This invention relates to a color cathode ray tube device with an in-line electron beam arrangement.
The envelope of a color cathode ray tube device consists of: a neck in which are installed three electron guns that generate three electron beams and are aligned in the horizontal direction; a face plate having a phosphor screen; and a funnel disposed between the neck and the face plate.
The three electron beams generated from the in-line type electron guns, mounted in a horizontally in-line arrangement, are directed onto the phosphor screen, which is formed coated with phosphor layers, causing the phosphor layers to emit light. In order to achieve good color reproduction with the light emitted from the phosphor layers, the electron beams must be made to impinge selectively on prescribed phosphor layers. This is achieved by arranging a shadow mask formed with a large number of apertures close to the face plate.
The in-line electron guns incorporate separate cathodes and are designed so as to generate three electron beams in a common horizontal plane and bring them to convergence in the vicinity of the face plate. Known methods of bringing the three electron beams to convergence include for example the technique disclosed in U.S. Pat. No. 2,957,106 (Moodey), in which the side beams in the electron beams emitted from the cathodes are bent from the start, and the technique disclosed in U.S. Pat. No. 3,772,554 (Hughes), in which the electron beams are converged by, of the apertures provided in the electron beam electrodes for passage of the three electron beams, displacing those apertures which are on both sides of part electrode slightly to the outside from the centre axes of the electron guns, thereby bending the electron beam by creating a potential gradient in the electric field generated at the displaced portions. Both these methods are widely used.
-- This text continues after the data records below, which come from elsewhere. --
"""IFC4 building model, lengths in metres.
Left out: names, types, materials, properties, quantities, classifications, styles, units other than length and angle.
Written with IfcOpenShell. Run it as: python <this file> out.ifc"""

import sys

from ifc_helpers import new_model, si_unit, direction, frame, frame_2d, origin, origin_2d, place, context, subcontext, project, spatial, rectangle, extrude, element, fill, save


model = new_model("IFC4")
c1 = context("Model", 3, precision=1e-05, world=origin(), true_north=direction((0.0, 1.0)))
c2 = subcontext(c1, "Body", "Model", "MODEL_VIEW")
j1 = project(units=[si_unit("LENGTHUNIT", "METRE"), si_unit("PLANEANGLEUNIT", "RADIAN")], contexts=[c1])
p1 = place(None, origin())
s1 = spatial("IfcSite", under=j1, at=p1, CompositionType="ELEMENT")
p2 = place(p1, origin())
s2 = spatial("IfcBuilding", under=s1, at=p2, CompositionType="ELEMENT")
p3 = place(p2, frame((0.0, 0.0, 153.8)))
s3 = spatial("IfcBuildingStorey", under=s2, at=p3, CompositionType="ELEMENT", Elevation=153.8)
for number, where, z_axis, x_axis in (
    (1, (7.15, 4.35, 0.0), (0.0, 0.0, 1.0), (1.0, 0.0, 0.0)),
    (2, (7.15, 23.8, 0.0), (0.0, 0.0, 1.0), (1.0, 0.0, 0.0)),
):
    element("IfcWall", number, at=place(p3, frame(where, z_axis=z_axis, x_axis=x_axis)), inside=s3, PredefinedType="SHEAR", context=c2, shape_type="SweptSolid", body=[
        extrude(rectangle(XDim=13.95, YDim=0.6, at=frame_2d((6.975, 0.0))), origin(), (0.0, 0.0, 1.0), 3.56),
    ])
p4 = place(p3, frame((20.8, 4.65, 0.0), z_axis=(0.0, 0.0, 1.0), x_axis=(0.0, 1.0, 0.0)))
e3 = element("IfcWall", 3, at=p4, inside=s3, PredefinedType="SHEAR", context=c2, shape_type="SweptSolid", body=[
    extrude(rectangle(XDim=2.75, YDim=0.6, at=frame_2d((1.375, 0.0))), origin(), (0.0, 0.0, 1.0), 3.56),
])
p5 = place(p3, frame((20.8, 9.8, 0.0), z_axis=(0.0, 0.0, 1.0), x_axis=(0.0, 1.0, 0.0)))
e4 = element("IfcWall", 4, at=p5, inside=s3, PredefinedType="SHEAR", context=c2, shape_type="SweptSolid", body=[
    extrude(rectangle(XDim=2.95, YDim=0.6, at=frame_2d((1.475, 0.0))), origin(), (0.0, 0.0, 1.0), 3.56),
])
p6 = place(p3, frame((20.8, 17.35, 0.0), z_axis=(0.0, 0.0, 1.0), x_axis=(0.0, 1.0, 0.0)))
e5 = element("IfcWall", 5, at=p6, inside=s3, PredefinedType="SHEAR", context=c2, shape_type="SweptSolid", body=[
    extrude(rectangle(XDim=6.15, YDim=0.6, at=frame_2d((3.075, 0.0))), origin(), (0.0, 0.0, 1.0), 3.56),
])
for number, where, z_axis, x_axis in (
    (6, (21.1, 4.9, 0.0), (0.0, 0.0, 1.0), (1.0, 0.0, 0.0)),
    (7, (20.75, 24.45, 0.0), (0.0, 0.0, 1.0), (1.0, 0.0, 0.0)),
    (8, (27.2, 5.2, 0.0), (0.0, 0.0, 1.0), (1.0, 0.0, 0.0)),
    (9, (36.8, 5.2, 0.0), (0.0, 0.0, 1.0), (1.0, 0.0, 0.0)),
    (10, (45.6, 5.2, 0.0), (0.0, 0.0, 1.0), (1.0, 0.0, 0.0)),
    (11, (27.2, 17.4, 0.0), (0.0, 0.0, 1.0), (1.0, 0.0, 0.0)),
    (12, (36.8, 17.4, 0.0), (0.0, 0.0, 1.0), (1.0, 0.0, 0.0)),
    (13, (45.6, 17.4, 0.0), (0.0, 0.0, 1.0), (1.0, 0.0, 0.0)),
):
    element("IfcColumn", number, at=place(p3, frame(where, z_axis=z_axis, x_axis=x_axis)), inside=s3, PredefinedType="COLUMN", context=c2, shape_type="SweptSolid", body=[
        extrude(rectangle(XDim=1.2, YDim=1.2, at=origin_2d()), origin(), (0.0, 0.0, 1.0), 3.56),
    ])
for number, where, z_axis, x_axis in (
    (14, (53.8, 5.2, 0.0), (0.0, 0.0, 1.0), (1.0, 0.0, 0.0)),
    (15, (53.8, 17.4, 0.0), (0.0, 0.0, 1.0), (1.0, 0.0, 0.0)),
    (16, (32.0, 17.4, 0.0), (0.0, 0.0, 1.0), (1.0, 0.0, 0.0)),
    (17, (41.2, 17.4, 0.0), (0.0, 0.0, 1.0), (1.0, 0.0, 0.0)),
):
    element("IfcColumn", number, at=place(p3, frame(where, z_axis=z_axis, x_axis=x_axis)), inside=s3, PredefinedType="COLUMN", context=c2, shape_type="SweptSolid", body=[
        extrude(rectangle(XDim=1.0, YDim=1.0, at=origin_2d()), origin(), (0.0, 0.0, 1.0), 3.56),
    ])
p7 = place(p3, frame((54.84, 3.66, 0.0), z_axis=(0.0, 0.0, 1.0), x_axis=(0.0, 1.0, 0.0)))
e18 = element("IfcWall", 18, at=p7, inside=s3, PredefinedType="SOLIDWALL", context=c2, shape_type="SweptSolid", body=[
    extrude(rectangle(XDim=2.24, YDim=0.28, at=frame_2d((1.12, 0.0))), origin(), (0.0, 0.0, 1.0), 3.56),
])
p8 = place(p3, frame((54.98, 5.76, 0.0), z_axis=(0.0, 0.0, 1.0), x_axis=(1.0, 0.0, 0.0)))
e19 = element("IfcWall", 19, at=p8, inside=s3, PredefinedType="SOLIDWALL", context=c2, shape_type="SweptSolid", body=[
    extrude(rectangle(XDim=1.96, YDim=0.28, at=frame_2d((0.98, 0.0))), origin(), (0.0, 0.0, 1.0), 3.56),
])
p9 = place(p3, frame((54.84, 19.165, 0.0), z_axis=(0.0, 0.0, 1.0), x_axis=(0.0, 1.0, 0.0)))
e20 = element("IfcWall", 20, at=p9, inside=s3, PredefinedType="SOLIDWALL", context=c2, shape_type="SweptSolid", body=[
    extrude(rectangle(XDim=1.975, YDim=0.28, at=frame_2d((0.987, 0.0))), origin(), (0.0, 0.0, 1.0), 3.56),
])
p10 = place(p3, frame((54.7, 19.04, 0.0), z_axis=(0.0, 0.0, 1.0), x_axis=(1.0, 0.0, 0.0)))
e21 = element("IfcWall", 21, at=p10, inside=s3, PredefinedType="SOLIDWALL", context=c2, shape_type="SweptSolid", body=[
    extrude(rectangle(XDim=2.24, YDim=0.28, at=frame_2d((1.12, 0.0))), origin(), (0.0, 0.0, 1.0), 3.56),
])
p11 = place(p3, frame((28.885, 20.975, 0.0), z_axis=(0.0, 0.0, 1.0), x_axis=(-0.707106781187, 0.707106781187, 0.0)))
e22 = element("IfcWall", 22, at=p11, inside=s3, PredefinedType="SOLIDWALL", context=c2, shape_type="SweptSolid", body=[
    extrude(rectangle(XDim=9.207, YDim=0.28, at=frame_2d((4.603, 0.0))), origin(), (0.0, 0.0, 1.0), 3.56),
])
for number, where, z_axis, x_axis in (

To make the phosphor screen of a color cathode ray tube display a TV picture, the electron beams must be scanned over the entire surface of the phosphor screen. This is done by mounting a deflection device outside the cone portion of the funnel. Essentially the deflection device comprises horizontal deflection coils for generating a horizontal deflection magnetic field that deflects the electron beam in the horizontal direction and vertical deflection coils for generating a vertical deflection magnetic field that deflects the electron beam in the vertical direction. In practical color cathode ray tubes when the electron beams are deflected by a uniform magnetic field, because of the leakage field that extends beyond the end surface of coils, convergence of the three electron beam spots on the face plate is lost. Various countermeasures have to be adopted to deal with this, so that the spots always converge over the whole surface of the screen. Such a system is termed a "convergence free system". In this system, convergence of the three electron beams over the entire phosphor screen is achieved by making the horizontal deflection magnetic field of pin-cushion form, and making the vertical deflection magnetic field of barrel form. If the vertical magnetic field is uniform, there is overconvergence which increases in degree from the center of the screen towards the top and bottom ends, but with a barreltype magnetic field, convergence can be achieved over the entire screen. As a result, with such a system, a parabolic current generating circuit for convergence compensation and a convergence yoke for generating a convergence compensating magnetic field can be dispensed with, conferring many advantages such as cost saving and productivity gain.
As explained above, the quality of color cathode ray tubes has been improved by many technical developments. However, as large tubes have become common, fresh problems have come to the fore.
One of these problems concerns the shape of the beam spot where the electron beams are brought to convergence on the face plate after being emitted from the electron guns. As shown in FIG. 4(a), in the middle of the screen, where the beams are not subjected to any deflection, the spot S.sub.4a consists simply of a round core Sc, i.e. a region of high electron density. However, as shown in FIG. 4(b), due to non-uniformity of the deflection magnetic field, in the peripheral regions of the screen, where the spot S.sub.4b is subject to deflection, the spot presents a flattened core S.sub.c with vertically extending flares S.sub.f (i.e. portions of lower electron density). As a result, the electron beam size increases at the edges of the screen, producing a deterioration in focussing property and resolution.
Specifically, if we take the horizontal dimension of the core for the case of a 20 inch 90 degree deflection tube as C.sub.H and its vertical dimension as C.sub.V, in the middle of the screen C.sub.H =C.sub.V =1.0mm, but at the extreme end region of the horizontal deflection the core has a very flattened shape with C.sub.H =20mm and C.sub.V =0.3mm. Also, the dimension F.sub.V from the top to the bottom of the flares is 1.5mm. These values are for the case where the electron beam is deflected in the horizontal direction only. In the corners of the screen, where a vertical deflection is added to the horizontal deflection, the dimensions are even more distorted.